Para eso está el colegio... o no

Estos días oigo en las tertulias y leo en la prensa que entre un 35% y un 40% de los españoles no lee nunca un libro y que no tienen ningún interés por la cultura.

Y, ¡cómo no!, algún tertuliano de esos que saben de todo, y de todo se atreven a opinar, señaló entre otros culpables a los maestros, argumentando que en los colegios no se leía, que él con siete años empezaba la clase todos los días leyendo “El Quijote”. Mi admirado tertuliano desconoce que en la Comunidad de Madrid se trabaja un proyecto en todos los centros escolares llamado “Plan de animación a la lectura” cuyo objetivo, como su propio nombre indica, es el fomento de la lectura en la edad escolar.
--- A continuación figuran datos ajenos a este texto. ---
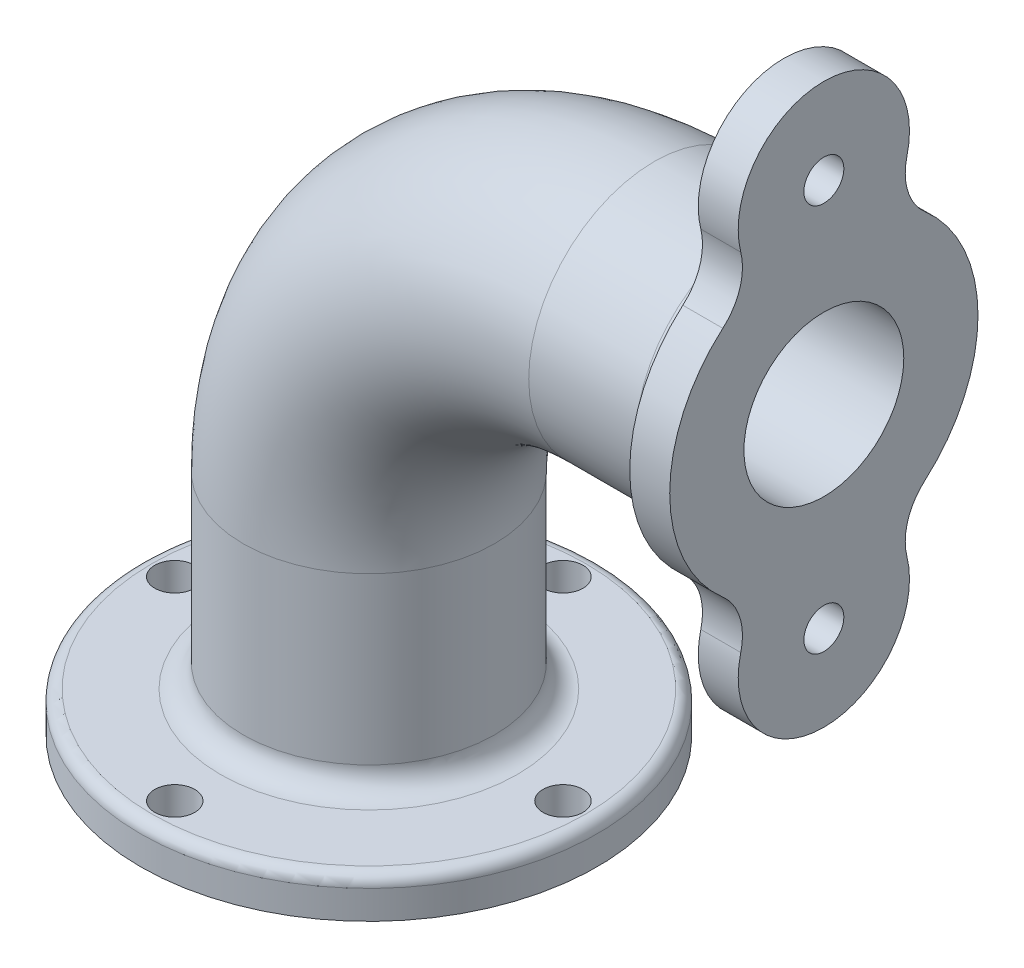
ISO-10303-21;
HEADER;
FILE_DESCRIPTION(('STEP AP214'),'2;1');
FILE_NAME('part.step','',(''),(''),'','','');
FILE_SCHEMA(('AUTOMOTIVE_DESIGN { 1 0 10303 214 1 1 1 1 }'));
ENDSEC;
DATA;
#1=APPLICATION_CONTEXT('core data for automotive mechanical design processes');
#2=APPLICATION_PROTOCOL_DEFINITION('international standard','automotive_design',2000,#1);
#3=PRODUCT_CONTEXT('',#1,'mechanical');
#4=PRODUCT('Part','Part','',(#3));
#5=PRODUCT_RELATED_PRODUCT_CATEGORY('part','',(#4));
#6=PRODUCT_DEFINITION_FORMATION('','',#4);
#7=PRODUCT_DEFINITION_CONTEXT('part definition',#1,'design');
#8=PRODUCT_DEFINITION('design','',#6,#7);
#9=PRODUCT_DEFINITION_SHAPE('','',#8);
#10=(LENGTH_UNIT() NAMED_UNIT(*) SI_UNIT(.MILLI.,.METRE.));
#11=(NAMED_UNIT(*) PLANE_ANGLE_UNIT() SI_UNIT($,.RADIAN.));
#12=(NAMED_UNIT(*) SI_UNIT($,.STERADIAN.) SOLID_ANGLE_UNIT());
#13=UNCERTAINTY_MEASURE_WITH_UNIT(LENGTH_MEASURE(1.E-05),#10,'distance_accuracy_value','');
#14=(GEOMETRIC_REPRESENTATION_CONTEXT(3) GLOBAL_UNCERTAINTY_ASSIGNED_CONTEXT((#13)) GLOBAL_UNIT_ASSIGNED_CONTEXT((#10,
#11,#12)) REPRESENTATION_CONTEXT('',''));
#15=CARTESIAN_POINT('',(0.,0.,0.));
#16=DIRECTION('',(0.,0.,1.));
#17=DIRECTION('',(1.,0.,0.));
#18=AXIS2_PLACEMENT_3D('',#15,#16,#17);
#19=CARTESIAN_POINT('',(-3.5,13.9705882352941,-12.1273519104486));
#20=DIRECTION('',(1.,0.,0.));
#21=DIRECTION('',(0.,0.,-1.));
#22=AXIS2_PLACEMENT_3D('',#19,#20,#21);
#23=PLANE('',#22);
#24=CARTESIAN_POINT('',(-3.5,0.,0.));
#25=DIRECTION('',(1.,0.,0.));
#26=DIRECTION('',(0.,0.,-1.));
#27=AXIS2_PLACEMENT_3D('',#24,#25,#26);
#28=CIRCLE('',#27,26.);
#29=CARTESIAN_POINT('',(-3.5,0.,-26.));
#30=VERTEX_POINT('',#29);
#31=EDGE_CURVE('E174',#30,#30,#28,.T.);
#32=ORIENTED_EDGE('',*,*,#31,.T.);
#33=EDGE_LOOP('',(#32));
#34=FACE_BOUND('',#33,.T.);
#35=CARTESIAN_POINT('',(-3.5,-34.,0.));
#36=DIRECTION('',(1.,0.,0.));
#37=DIRECTION('',(0.,0.,-1.));
#38=AXIS2_PLACEMENT_3D('',#35,#36,#37);
#39=CIRCLE('',#38,3.5);
#40=CARTESIAN_POINT('',(-3.5,-34.,-3.5));
#41=VERTEX_POINT('',#40);
#42=EDGE_CURVE('E218',#41,#41,#39,.T.);
#43=ORIENTED_EDGE('',*,*,#42,.T.);
#44=EDGE_LOOP('',(#43));
#45=FACE_BOUND('',#44,.T.);
#46=CARTESIAN_POINT('',(-3.5,34.,0.));
#47=DIRECTION('',(1.,0.,0.));
#48=DIRECTION('',(0.,0.,-1.));
#49=AXIS2_PLACEMENT_3D('',#46,#47,#48);
#50=CIRCLE('',#49,3.5);
#51=CARTESIAN_POINT('',(-3.5,34.,-3.5));
#52=VERTEX_POINT('',#51);
#53=EDGE_CURVE('E227',#52,#52,#50,.T.);
#54=ORIENTED_EDGE('',*,*,#53,.T.);
#55=EDGE_LOOP('',(#54));
#56=FACE_BOUND('',#55,.T.);
#57=CARTESIAN_POINT('',(-3.5,27.9411764705882,-24.2547038208972));
#58=DIRECTION('',(-1.,0.,0.));
#59=DIRECTION('',(0.,0.,-1.));
#60=AXIS2_PLACEMENT_3D('',#57,#58,#59);
#61=CIRCLE('',#60,10.);
#62=CARTESIAN_POINT('',(-3.5,20.389507154213,-17.699378463898));
#63=VERTEX_POINT('',#62);
#64=CARTESIAN_POINT('',(-3.5,30.3647058823529,-14.5528222925383));
#65=VERTEX_POINT('',#64);
#66=EDGE_CURVE('E145',#63,#65,#61,.T.);
#67=ORIENTED_EDGE('',*,*,#66,.F.);
#68=CARTESIAN_POINT('',(-3.5,0.,0.));
#69=DIRECTION('',(1.,0.,0.));
#70=DIRECTION('',(0.,0.,-1.));
#71=AXIS2_PLACEMENT_3D('',#68,#69,#70);
#72=CIRCLE('',#71,27.);
#73=CARTESIAN_POINT('',(-3.5,-20.389507154213,-17.699378463898));
#74=VERTEX_POINT('',#73);
#75=EDGE_CURVE('E95',#74,#63,#72,.T.);
#76=ORIENTED_EDGE('',*,*,#75,.F.);
#77=CARTESIAN_POINT('',(-3.5,-27.9411764705882,-24.2547038208972));
#78=DIRECTION('',(-1.,0.,0.));
#79=DIRECTION('',(0.,0.,-1.));
#80=AXIS2_PLACEMENT_3D('',#77,#78,#79);
#81=CIRCLE('',#80,10.);
#82=CARTESIAN_POINT('',(-3.5,-30.3647058823529,-14.5528222925383));
#83=VERTEX_POINT('',#82);
#84=EDGE_CURVE('E88',#83,#74,#81,.T.);
#85=ORIENTED_EDGE('',*,*,#84,.F.);
#86=CARTESIAN_POINT('',(-3.5,-34.,0.));
#87=DIRECTION('',(1.,0.,0.));
#88=DIRECTION('',(0.,0.,-1.));
#89=AXIS2_PLACEMENT_3D('',#86,#87,#88);
#90=CIRCLE('',#89,15.);
#91=CARTESIAN_POINT('',(-3.5,-30.3647058823529,14.5528222925383));
#92=VERTEX_POINT('',#91);
#93=EDGE_CURVE('E132',#92,#83,#90,.T.);
#94=ORIENTED_EDGE('',*,*,#93,.F.);
#95=CARTESIAN_POINT('',(-3.5,-27.9411764705882,24.2547038208972));
#96=DIRECTION('',(-1.,0.,0.));
#97=DIRECTION('',(0.,0.,-1.));
#98=AXIS2_PLACEMENT_3D('',#95,#96,#97);
#99=CIRCLE('',#98,10.);
#100=CARTESIAN_POINT('',(-3.5,-20.389507154213,17.699378463898));
#101=VERTEX_POINT('',#100);
#102=EDGE_CURVE('E152',#101,#92,#99,.T.);
#103=ORIENTED_EDGE('',*,*,#102,.F.);
#104=CARTESIAN_POINT('',(-3.5,0.,0.));
#105=DIRECTION('',(1.,0.,0.));
#106=DIRECTION('',(0.,0.,-1.));
#107=AXIS2_PLACEMENT_3D('',#104,#105,#106);
#108=CIRCLE('',#107,27.);
#109=CARTESIAN_POINT('',(-3.5,20.389507154213,17.699378463898));
#110=VERTEX_POINT('',#109);
#111=EDGE_CURVE('E148',#110,#101,#108,.T.);
#112=ORIENTED_EDGE('',*,*,#111,.F.);
#113=CARTESIAN_POINT('',(-3.5,27.9411764705882,24.2547038208972));
#114=DIRECTION('',(-1.,0.,0.));
#115=DIRECTION('',(0.,0.,1.));
#116=AXIS2_PLACEMENT_3D('',#113,#114,#115);
#117=CIRCLE('',#116,10.);
#118=CARTESIAN_POINT('',(-3.5,30.3647058823529,14.5528222925383));
#119=VERTEX_POINT('',#118);
#120=EDGE_CURVE('E149',#119,#110,#117,.T.);
#121=ORIENTED_EDGE('',*,*,#120,.F.);
#122=CARTESIAN_POINT('',(-3.5,34.,0.));
#123=DIRECTION('',(1.,0.,0.));
#124=DIRECTION('',(0.,0.,-1.));
#125=AXIS2_PLACEMENT_3D('',#122,#123,#124);
#126=CIRCLE('',#125,15.);
#127=EDGE_CURVE('E143',#65,#119,#126,.T.);
#128=ORIENTED_EDGE('',*,*,#127,.F.);
#129=EDGE_LOOP('',(#67,#76,#85,#94,#103,#112,#121,#128));
#130=FACE_BOUND('',#129,.T.);
#131=ADVANCED_FACE('F41',(#34,#45,#56,#130),#23,.F.);
#132=CARTESIAN_POINT('',(3.5,13.9705882352941,-12.1273519104486));
#133=DIRECTION('',(1.,0.,0.));
#134=DIRECTION('',(0.,0.,-1.));
#135=AXIS2_PLACEMENT_3D('',#132,#133,#134);
#136=PLANE('',#135);
#137=CARTESIAN_POINT('',(3.5,34.,0.));
#138=DIRECTION('',(1.,0.,0.));
#139=DIRECTION('',(0.,0.,-1.));
#140=AXIS2_PLACEMENT_3D('',#137,#138,#139);
#141=CIRCLE('',#140,3.5);
#142=CARTESIAN_POINT('',(3.5,34.,-3.5));
#143=VERTEX_POINT('',#142);
#144=EDGE_CURVE('E229',#143,#143,#141,.T.);
#145=ORIENTED_EDGE('',*,*,#144,.F.);
#146=EDGE_LOOP('',(#145));
#147=FACE_BOUND('',#146,.T.);
#148=CARTESIAN_POINT('',(3.5,27.9411764705882,-24.2547038208972));
#149=DIRECTION('',(-1.,0.,0.));
#150=DIRECTION('',(0.,0.,-1.));
#151=AXIS2_PLACEMENT_3D('',#148,#149,#150);
#152=CIRCLE('',#151,10.);
#153=CARTESIAN_POINT('',(3.5,20.389507154213,-17.699378463898));
#154=VERTEX_POINT('',#153);
#155=CARTESIAN_POINT('',(3.5,30.3647058823529,-14.5528222925383));
#156=VERTEX_POINT('',#155);
#157=EDGE_CURVE('E157',#154,#156,#152,.T.);
#158=ORIENTED_EDGE('',*,*,#157,.T.);
#159=CARTESIAN_POINT('',(3.5,34.,0.));
#160=DIRECTION('',(1.,0.,0.));
#161=DIRECTION('',(0.,0.,-1.));
#162=AXIS2_PLACEMENT_3D('',#159,#160,#161);
#163=CIRCLE('',#162,15.);
#164=CARTESIAN_POINT('',(3.5,30.3647058823529,14.5528222925383));
#165=VERTEX_POINT('',#164);
#166=EDGE_CURVE('E104',#156,#165,#163,.T.);
#167=ORIENTED_EDGE('',*,*,#166,.T.);
#168=CARTESIAN_POINT('',(3.5,27.9411764705882,24.2547038208972));
#169=DIRECTION('',(-1.,0.,0.));
#170=DIRECTION('',(0.,0.,1.));
#171=AXIS2_PLACEMENT_3D('',#168,#169,#170);
#172=CIRCLE('',#171,10.);
#173=CARTESIAN_POINT('',(3.5,20.389507154213,17.699378463898));
#174=VERTEX_POINT('',#173);
#175=EDGE_CURVE('E237',#165,#174,#172,.T.);
#176=ORIENTED_EDGE('',*,*,#175,.T.);
#177=CARTESIAN_POINT('',(3.5,0.,0.));
#178=DIRECTION('',(1.,0.,0.));
#179=DIRECTION('',(0.,0.,-1.));
#180=AXIS2_PLACEMENT_3D('',#177,#178,#179);
#181=CIRCLE('',#180,27.);
#182=CARTESIAN_POINT('',(3.5,-20.389507154213,17.699378463898));
#183=VERTEX_POINT('',#182);
#184=EDGE_CURVE('E241',#174,#183,#181,.T.);
#185=ORIENTED_EDGE('',*,*,#184,.T.);
#186=CARTESIAN_POINT('',(3.5,-27.9411764705882,24.2547038208972));
#187=DIRECTION('',(-1.,0.,0.));
#188=DIRECTION('',(0.,0.,-1.));
#189=AXIS2_PLACEMENT_3D('',#186,#187,#188);
#190=CIRCLE('',#189,10.);
#191=CARTESIAN_POINT('',(3.5,-30.3647058823529,14.5528222925383));
#192=VERTEX_POINT('',#191);
#193=EDGE_CURVE('E121',#183,#192,#190,.T.);
#194=ORIENTED_EDGE('',*,*,#193,.T.);
#195=CARTESIAN_POINT('',(3.5,-34.,0.));
#196=DIRECTION('',(1.,0.,0.));
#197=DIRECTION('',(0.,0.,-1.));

Me comentan compañeras indignadas que en algún telediario también se trató el tema y que hasta el ministro de Educación ha declarado que “se debe dedicar el mismo tiempo a la lectura que a los deportes en los colegios”.

La respuesta es fácil: un niño será aficionado a la lectura si en su familia hay un ambiente lector, si sus padres y hermanos mayores leen, si existe una biblioteca en el salón de la vivienda, si entre los regalos que reciben por Navidad, cumpleaños, santos, hay algún libro… Si se dan cuenta, la palabra clave es “FAMILIA”.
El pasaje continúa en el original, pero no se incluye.